Camera quality is also improved especially in low light condition . but it takes time to finally save it in *.jpg format .(happnes in background but still it is slower)
*img504.imageshack.us/img504/1541/image0021d.th.jpg

 this is an example , the picture was taken in darker environment than it looks

Phone slow problem is mostly seen in slower S60 devices like 6600 , newer S60 device equipped with faster processor are anyday faster .


----------



## MetalheadGautham (Aug 16, 2009)

^^Did you try a 16GB card ? I really want someone to try a 16GB Card on 5130XM.


----------



## max_demon (Aug 16, 2009)

^^ i havent tried 16 gb ones but gsmarena has ,


----------



## 6x6 (Aug 16, 2009)

5130 looks like chinees phones. (or may be chinees phones look like 5130  )

G502 has better camera , if your priority is camera then go for G502. and it has 3G

if you dont buying mainly for camera and music is your priority then 5130 is cheap solution, you will save ~2k


----------



## pr.itdude (Aug 16, 2009)

definitely.....music is my first priority then camera......
and i think 3G is a dream till now.....
now, as soon this rain get over i'll ask my local dealer abt these two.....nd i am tending towards 5130 XM now... after so much recommendation by max and MHG....!!!
but definitely will try a hand on G502.....


----------



## rohan_mhtr (Aug 16, 2009)

When you look at g502 personally in hand it is not a beauty at all , it only looks good in photos . I have not seen 5130 personally so cannot comment . Anyway G502 is slightly better but costlier and 5130 looks best within its budget .


----------



## yogi7272 (Aug 16, 2009)

Nokia 5130 looks pretty good in real. Bought one for my aunt for 5750 rs in june. Looking to buy a new one, what's its price these days? In mumbai that is.


----------



## Tamoghno (Aug 16, 2009)

Its around rs5300 these days . 

@itian 

The beauty og g502 is not in its exterior look , but its os . You need to take a demo of the os to see the real advantage of it


----------



## a_k_s_h_a_y (Aug 16, 2009)

I forgot about its browser, its nice.

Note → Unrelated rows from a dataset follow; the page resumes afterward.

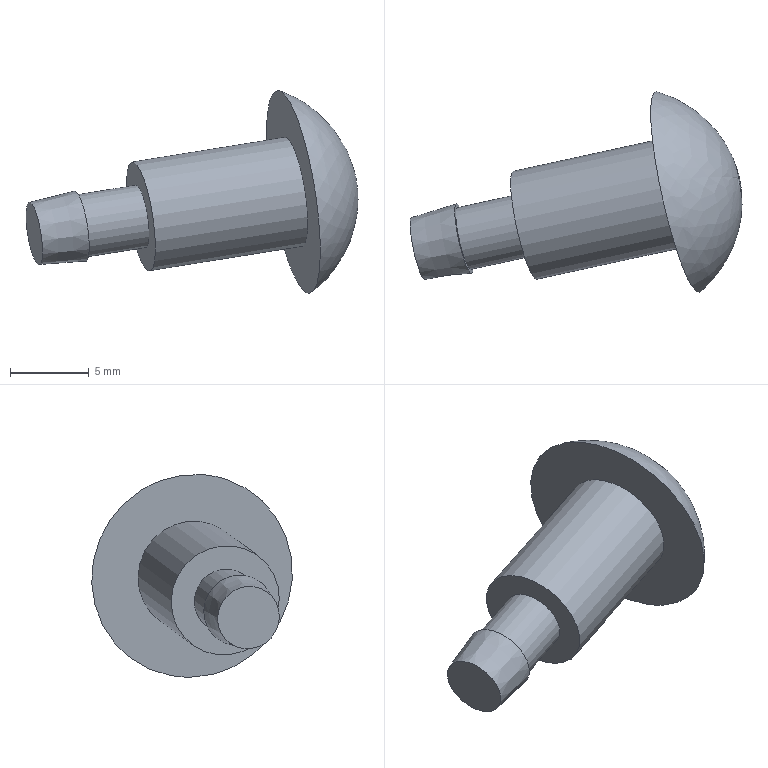Component | NX | 2_13 | 1 solid | 8 faces | box 21.02 x 12.71 x 12.84 mm | volume 772 mm3 | plane 4 | cylinder 2 | spline 1 | cone 1 | commonest cylinder face diameters 7 x1 4 x1
STEP:
#1=CARTESIAN_POINT('',(0.,0.,0.));
#2=DIRECTION('',(0.,0.,1.));
#3=DIRECTION('',(1.,0.,0.));
#4=AXIS2_PLACEMENT_3D('',#1,#2,#3);
#5=CARTESIAN_POINT('',(138.921,125.393,-187.423));
#6=VERTEX_POINT('',#5);
#7=CARTESIAN_POINT('',(139.276,125.209,-189.382));
#8=DIRECTION('',(0.9653,0.21,0.1554));
#9=DIRECTION('',(-0.1779,0.09244,0.9797));
#10=AXIS2_PLACEMENT_3D('',#7,#8,#9);
#11=CIRCLE('',#10,2.);
#12=CARTESIAN_POINT('',(139.632,125.024,-191.342));
#13=DIRECTION('',(-0.9653,-0.21,-0.1554));
#14=DIRECTION('',(0.1779,-0.09244,-0.9797));
#15=AXIS2_PLACEMENT_3D('',#12,#13,#14);
#16=PLANE('',#15);
#17=CARTESIAN_POINT('',(-4.,0.));
#18=CARTESIAN_POINT('',(-4.,3.464));
#19=CARTESIAN_POINT('',(-1.,1.732));
#20=CARTESIAN_POINT('',(2.,0.));
#21=CARTESIAN_POINT('',(-1.,-1.732));
#22=CARTESIAN_POINT('',(-4.,-3.464));
#23=CARTESIAN_POINT('',(-4.,0.));
#24=(BOUNDED_CURVE()B_SPLINE_CURVE(2,(#17,#18,#19,#20,#21,#22,#23),.UNSPECIFIED.,.T.,.F.)B_SPLINE_CURVE_WITH_KNOTS((1,2,2,2,2,1),(-2.094,0.,2.094,4.189,6.283,8.378),.UNSPECIFIED.)CURVE()GEOMETRIC_REPRESENTATION_ITEM()RATIONAL_B_SPLINE_CURVE((1.,0.5,1.,0.5,1.,0.5,1.))REPRESENTATION_ITEM(''));
#25=(GEOMETRIC_REPRESENTATION_CONTEXT(2)PARAMETRIC_REPRESENTATION_CONTEXT()REPRESENTATION_CONTEXT('',''));
#26=DEFINITIONAL_REPRESENTATION('',(#24),#25);
#27=PCURVE('',#16,#26);
#28=CARTESIAN_POINT('',(142.172,125.839,-188.916));
#29=DIRECTION('',(0.9653,0.21,0.1554));
#30=DIRECTION('',(-0.1779,0.09244,0.9797));
#31=AXIS2_PLACEMENT_3D('',#28,#29,#30);
#32=CONICAL_SURFACE('',#31,2.25,0.08314);
#33=CARTESIAN_POINT('',(0.,-3.));
#34=DIRECTION('',(1.,0.));
#35=VECTOR('',#34,1.);
#36=LINE('',#33,#35);
#37=(GEOMETRIC_REPRESENTATION_CONTEXT(2)PARAMETRIC_REPRESENTATION_CONTEXT()REPRESENTATION_CONTEXT('',''));
#38=DEFINITIONAL_REPRESENTATION('',(#36),#37);
#39=PCURVE('',#32,#38);
#40=SURFACE_CURVE('',#11,(#27,#39),.PCURVE_S1.);
#41=EDGE_CURVE('',#6,#6,#40,.T.);
#42=ORIENTED_EDGE('',*,*,#41,.F.);
#43=EDGE_LOOP('',(#42));
#44=FACE_BOUND('',#43,.T.);
#45=ADVANCED_FACE('',(#44),#16,.T.);
#46=CARTESIAN_POINT('',(154.53,129.379,-180.372));
#47=VERTEX_POINT('',#46);
#48=CARTESIAN_POINT('',(155.686,128.779,-186.74));
#49=DIRECTION('',(0.9653,0.21,0.1554));
#50=DIRECTION('',(-0.1779,0.09244,0.9797));
#51=AXIS2_PLACEMENT_3D('',#48,#49,#50);
#52=CIRCLE('',#51,6.5);
#53=CARTESIAN_POINT('',(159.547,129.619,-186.118));
#54=CARTESIAN_POINT('',(159.547,129.619,-186.118));
#55=CARTESIAN_POINT('',(159.547,129.619,-186.118));
#56=CARTESIAN_POINT('',(159.547,129.619,-186.118));
#57=CARTESIAN_POINT('',(159.547,129.619,-186.118));
#58=CARTESIAN_POINT('',(159.547,129.619,-186.118));
#59=CARTESIAN_POINT('',(159.547,129.619,-186.118));
#60=CARTESIAN_POINT('',(159.,129.867,-183.379));
#61=CARTESIAN_POINT('',(160.073,124.409,-182.669));
#62=CARTESIAN_POINT('',(161.07,123.891,-188.163));
#63=CARTESIAN_POINT('',(159.997,129.349,-188.873));
#64=CARTESIAN_POINT('',(158.924,134.807,-189.582));
#65=CARTESIAN_POINT('',(157.927,135.325,-184.089));
#66=CARTESIAN_POINT('',(159.,129.867,-183.379));
#67=CARTESIAN_POINT('',(157.157,129.779,-181.268));
#68=CARTESIAN_POINT('',(159.144,119.673,-179.953));
#69=CARTESIAN_POINT('',(160.991,118.713,-190.126));
#70=CARTESIAN_POINT('',(159.003,128.82,-191.441));
#71=CARTESIAN_POINT('',(157.016,138.926,-192.755));
#72=CARTESIAN_POINT('',(155.169,139.886,-182.582));
#73=CARTESIAN_POINT('',(157.157,129.779,-181.268));
#74=CARTESIAN_POINT('',(154.53,129.379,-180.372));
#75=CARTESIAN_POINT('',(157.018,116.726,-178.726));
#76=CARTESIAN_POINT('',(159.33,115.525,-191.462));
#77=CARTESIAN_POINT('',(156.842,128.178,-193.108));
#78=CARTESIAN_POINT('',(154.354,140.831,-194.753));
#79=CARTESIAN_POINT('',(152.042,142.033,-182.017));
#80=CARTESIAN_POINT('',(154.53,129.379,-180.372));
#81=(BOUNDED_SURFACE()B_SPLINE_SURFACE(3,3,((#53,#54,#55,#56,#57,#58,#59),(#60,#61,#62,#63,#64,#65,#66),(#67,#68,#69,#70,#71,#72,#73),(#74,#75,#76,#77,#78,#79,#80)),.UNSPECIFIED.,.F.,.T.,.F.)B_SPLINE_SURFACE_WITH_KNOTS((4,4),(1,3,3,3,1),(0.,1.),(-0.5,0.,0.5,1.,1.5),.UNSPECIFIED.)GEOMETRIC_REPRESENTATION_ITEM()RATIONAL_B_SPLINE_SURFACE(((1.,0.3333,0.3333,1.,0.3333,0.3333,1.),(0.9073,0.3024,0.3024,0.9073,0.3024,0.3024,0.9073),(0.9073,0.3024,0.3024,0.9073,0.3024,0.3024,0.9073),(1.,0.3333,0.3333,1.,0.3333,0.3333,1.)))REPRESENTATION_ITEM('')SURFACE());
#82=CARTESIAN_POINT('',(1.,0.));
#83=CARTESIAN_POINT('',(1.,0.02352));
#84=CARTESIAN_POINT('',(1.,0.06491));
#85=CARTESIAN_POINT('',(1.,0.1146));
#86=CARTESIAN_POINT('',(1.,0.1575));
#87=CARTESIAN_POINT('',(1.,0.196));
#88=CARTESIAN_POINT('',(1.,0.2322));
#89=CARTESIAN_POINT('',(1.,0.2678));
#90=CARTESIAN_POINT('',(1.,0.304));
#91=CARTESIAN_POINT('',(1.,0.3425));
#92=CARTESIAN_POINT('',(1.,0.3856));
#93=CARTESIAN_POINT('',(1.,0.4343));
#94=CARTESIAN_POINT('',(1.,0.5));
#95=CARTESIAN_POINT('',(1.,0.5657));
#96=CARTESIAN_POINT('',(1.,0.6144));
#97=CARTESIAN_POINT('',(1.,0.6575));
#98=CARTESIAN_POINT('',(1.,0.696));
#99=CARTESIAN_POINT('',(1.,0.7322));
#100=CARTESIAN_POINT('',(1.,0.7678));
#101=CARTESIAN_POINT('',(1.,0.804));
#102=CARTESIAN_POINT('',(1.,0.8425));
#103=CARTESIAN_POINT('',(1.,0.8854));
#104=CARTESIAN_POINT('',(1.,0.9351));
#105=CARTESIAN_POINT('',(1.,0.9765));
#106=CARTESIAN_POINT('',(1.,1.));
#107=B_SPLINE_CURVE_WITH_KNOTS('',3,(#82,#83,#84,#85,#86,#87,#88,#89,#90,#91,#92,#93,#94,#95,#96,#97,#98,#99,#100,#101,#102,#103,#104,#105,#106),.UNSPECIFIED.,.F.,.F.,(4,1,1,1,1,1,1,1,1,1,1,1,1,1,1,1,1,1,1,1,1,1,4),(0.,0.2856,0.5712,0.8568,1.142,1.428,1.714,1.999,2.285,2.57,2.856,3.142,3.427,3.713,3.998,4.284,4.57,4.855,5.141,5.426,5.712,5.998,6.283),.QUASI_UNIFORM_KNOTS.);
#108=(GEOMETRIC_REPRESENTATION_CONTEXT(2)PARAMETRIC_REPRESENTATION_CONTEXT()REPRESENTATION_CONTEXT('',''));
#109=DEFINITIONAL_REPRESENTATION('',(#107),#108);
#110=PCURVE('',#81,#109);
#111=CARTESIAN_POINT('',(156.842,128.178,-193.108));
#112=DIRECTION('',(-0.9653,-0.21,-0.1554));
#113=DIRECTION('',(0.1779,-0.09244,-0.9797));
#114=AXIS2_PLACEMENT_3D('',#111,#112,#113);
#115=PLANE('',#114);
#116=CARTESIAN_POINT('',(-13.,-0.));
#117=CARTESIAN_POINT('',(-13.,11.258));
#118=CARTESIAN_POINT('',(-3.25,5.629));
#119=CARTESIAN_POINT('',(6.5,-0.));
#120=CARTESIAN_POINT('',(-3.25,-5.629));
#121=CARTESIAN_POINT('',(-13.,-11.258));
#122=CARTESIAN_POINT('',(-13.,-0.));
#123=(BOUNDED_CURVE()B_SPLINE_CURVE(2,(#116,#117,#118,#119,#120,#121,#122),.UNSPECIFIED.,.T.,.F.)B_SPLINE_CURVE_WITH_KNOTS((1,2,2,2,2,1),(-2.094,0.,2.094,4.189,6.283,8.378),.UNSPECIFIED.)CURVE()GEOMETRIC_REPRESENTATION_ITEM()RATIONAL_B_SPLINE_CURVE((1.,0.5,1.,0.5,1.,0.5,1.))REPRESENTATION_ITEM(''));
#124=(GEOMETRIC_REPRESENTATION_CONTEXT(2)PARAMETRIC_REPRESENTATION_CONTEXT()REPRESENTATION_CONTEXT('',''));
#125=DEFINITIONAL_REPRESENTATION('',(#123),#124);
#126=PCURVE('',#115,#125);
#127=SURFACE_CURVE('',#52,(#110,#126),.PCURVE_S1.);
#128=EDGE_CURVE('',#47,#47,#127,.T.);
#129=ORIENTED_EDGE('',*,*,#128,.T.);
#130=CARTESIAN_POINT('',(159.547,129.619,-186.118));
#131=VERTEX_POINT('',#130);
#132=CARTESIAN_POINT('',(159.547,129.619,-186.118));
#133=CARTESIAN_POINT('',(159.,129.867,-183.379));
#134=CARTESIAN_POINT('',(157.157,129.779,-181.268));
#135=CARTESIAN_POINT('',(154.53,129.379,-180.372));
#136=(BOUNDED_CURVE()B_SPLINE_CURVE(3,(#132,#133,#134,#135),.UNSPECIFIED.,.F.,.F.)B_SPLINE_CURVE_WITH_KNOTS((4,4),(0.,1.),.PIECEWISE_BEZIER_KNOTS.)CURVE()GEOMETRIC_REPRESENTATION_ITEM()RATIONAL_B_SPLINE_CURVE((1.,0.9073,0.9073,1.))REPRESENTATION_ITEM(''));
#137=CARTESIAN_POINT('',(0.,1.));
#138=DIRECTION('',(1.,0.));
#139=VECTOR('',#138,1.);
#140=LINE('',#137,#139);
#141=(GEOMETRIC_REPRESENTATION_CONTEXT(2)PARAMETRIC_REPRESENTATION_CONTEXT()REPRESENTATION_CONTEXT('',''));
#142=DEFINITIONAL_REPRESENTATION('',(#140),#141);
#143=PCURVE('',#81,#142);
#144=CARTESIAN_POINT('',(0.,0.));
#145=DIRECTION('',(1.,0.));
#146=VECTOR('',#145,1.);
#147=LINE('',#144,#146);
#148=(GEOMETRIC_REPRESENTATION_CONTEXT(2)PARAMETRIC_REPRESENTATION_CONTEXT()REPRESENTATION_CONTEXT('',''));
#149=DEFINITIONAL_REPRESENTATION('',(#147),#148);
#150=PCURVE('',#81,#149);
#151=SEAM_CURVE('',#136,(#143,#150),.PCURVE_S1.);
#152=EDGE_CURVE('',#131,#47,#151,.T.);
#153=ORIENTED_EDGE('',*,*,#152,.F.);
#154=ORIENTED_EDGE('',*,*,#152,.T.);
#155=EDGE_LOOP('',(#129,#153,#154));
#156=FACE_BOUND('',#155,.T.);
#157=ADVANCED_FACE('',(#156),#81,.T.);
#158=CARTESIAN_POINT('',(155.063,129.102,-183.311));
#159=VERTEX_POINT('',#158);
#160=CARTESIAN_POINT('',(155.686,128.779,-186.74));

The music i really don't know what you are saying! just plugin in good earphones you will get your output accordingly. if you don't have the connectors then its sad!!

G502 actually looks nice, if you carefully notice it, initially it looked bad to me, when i got one and then i noticed its polished glossy looks.

if you can afford 7k then G502!! In this price range SE gets you best VFM!


----------



## rohan_mhtr (Aug 17, 2009)

Tamoghno said:


> Its around rs5300 these days .
> 
> @itian
> 
> The beauty og g502 is not in its exterior look , but its os . You need to take a demo of the os to see the real advantage of it


G502 does not have any particular OS but the usuall  SE firmware interference with some contemporary features and flash lite themes .
I think u want 2 say that it is faster then s40 based phones .


----------



## Devianz (Aug 17, 2009)

Tamoghno said:


> I plugged my 5800's 8gb card straight in 5130 to shut the mouth of se rep who was telling nokia dont support high capacity card and it become slow and bla bla bla. It worked perfectly . Startup was consideranly slower but after that no slowness or whatever . Same for the music player , scanning was slow(with ~1500 songs) but then it was ok . Dont worry about card capacity as long as you put good branded original card.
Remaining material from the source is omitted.